September 7, 2008 – 11:54 am

Less than a month after acquiring the power to do so, Treasury Secretary Paulson has put Fannie Mae into conservatorship. You can read Paulson’s joint press release here, but let’s not forget how he previously said he wouldn’t need to do this. The government take down of its own agency purportedly came about when an accounting probe found the agency to be undercapitalized. In other words, when reality overcame hope:

The government’s planned takeover of Fannie Mae and Freddie Mac, expected to be announced as early as this weekend, came together hurriedly after advisers poring over the companies’ books for the Treasury Department concluded that Freddie’s accounting methods had overstated its capital cushion, according to regulatory officials briefed on the matter.

That it came hurriedly together is true, but there’s little doubt that Paulson could be surprised by the audit results. It stretches fantasy to believe that he was unaware of the difficulties when he asked for the bailout power. That’s why he asked for it to begin with. So, they gave him the power and now the shareholders have been defrauded, and the taxpayers are stuck to pay the bill.

In an historic move that virtually wipes out the stockholders of Fannie Mae, the government has taken over the reins and purse strings of both mortgage giants. The American taxpayer is now on the hook for losses yet to be seen, in what many media outlets are calling “the chickens have come home to roost.”

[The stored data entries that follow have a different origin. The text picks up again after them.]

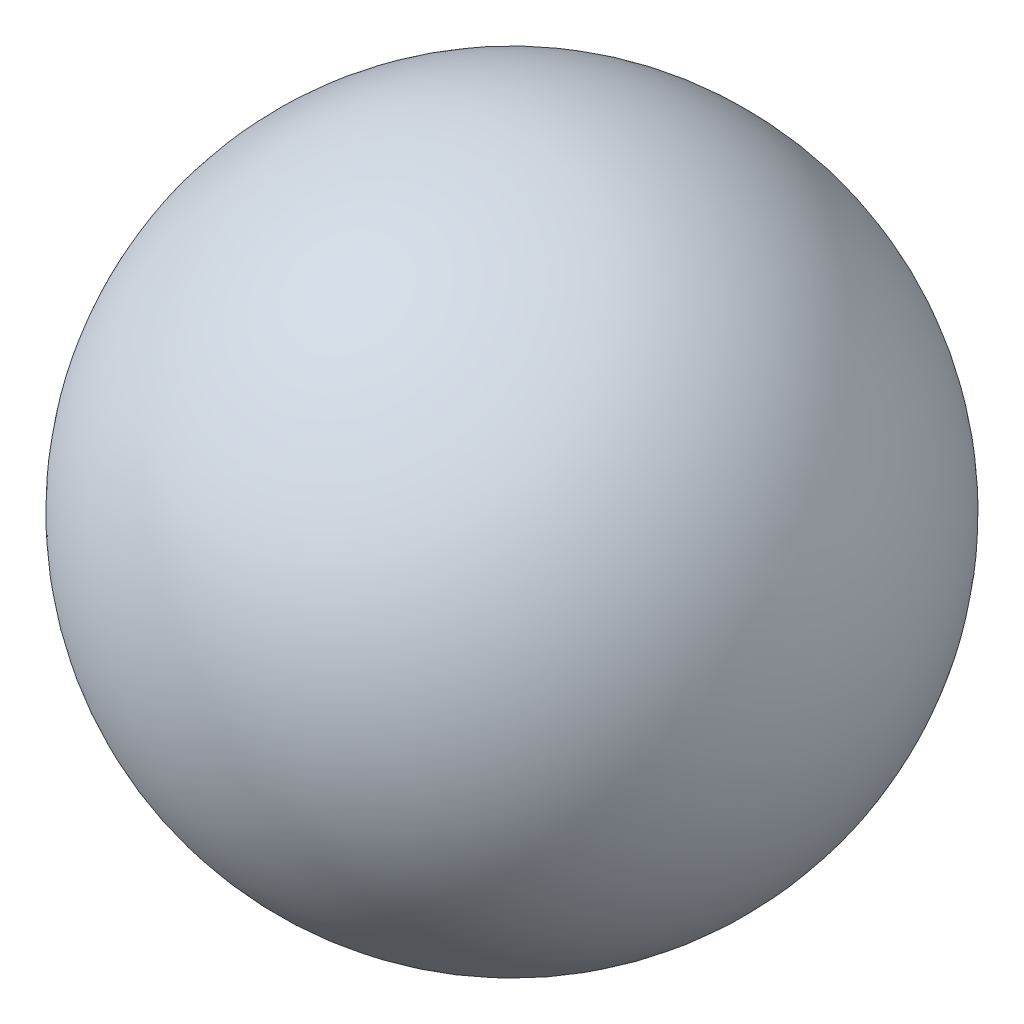
SolidWorks part; units mm, degrees
ref_plane "Front Plane" through (0, 0, 0) normal (0, 0, 1) x (1, 0, 0)
ref_plane "Top Plane" through (0, 0, 0) normal (0, 1, 0) x (1, 0, 0)
ref_plane "Right Plane" through (0, 0, 0) normal (1, 0, 0) x (0, 0, -1)
other "Configuration Table"
sketch "Sketch1" plane through (0, 0, 0) normal (0, 0, 1) x (1, 0, 0)
  line L0 (0, 0) -> (56.0475, 0) construction
  line L1 (29.4, 0) -> (43.1, 0)
  arc A0 (43.1, 0) -> (29.4, 0) centre (36.25, 0) ccw
  dimension "D1" = 13.7
  dimension "D2" = 36.25
revolve "Revolve1" add sketch "Sketch1" angle 360 about L0

The reaction on the street is that Fanny is finally beginning to be treated like the trash that she is. S&P has finally come out and cut her to junk. Witness:

Standard & Poor’s on Sunday cut the ratings on Fannie Mae and Freddie Mac preferred stock to junk status after dividends were eliminated in a takeover bu the U.S. government.

Regardless of the ensuing fallout, the public can be sure of two things. Firstly, the bailout has nothing to do with helping people keep their homes, and secondly:

The only question is how badly this will blow up. Government bailouts are never confidence inspiring regardless of whatever short term reaction we may see on Monday.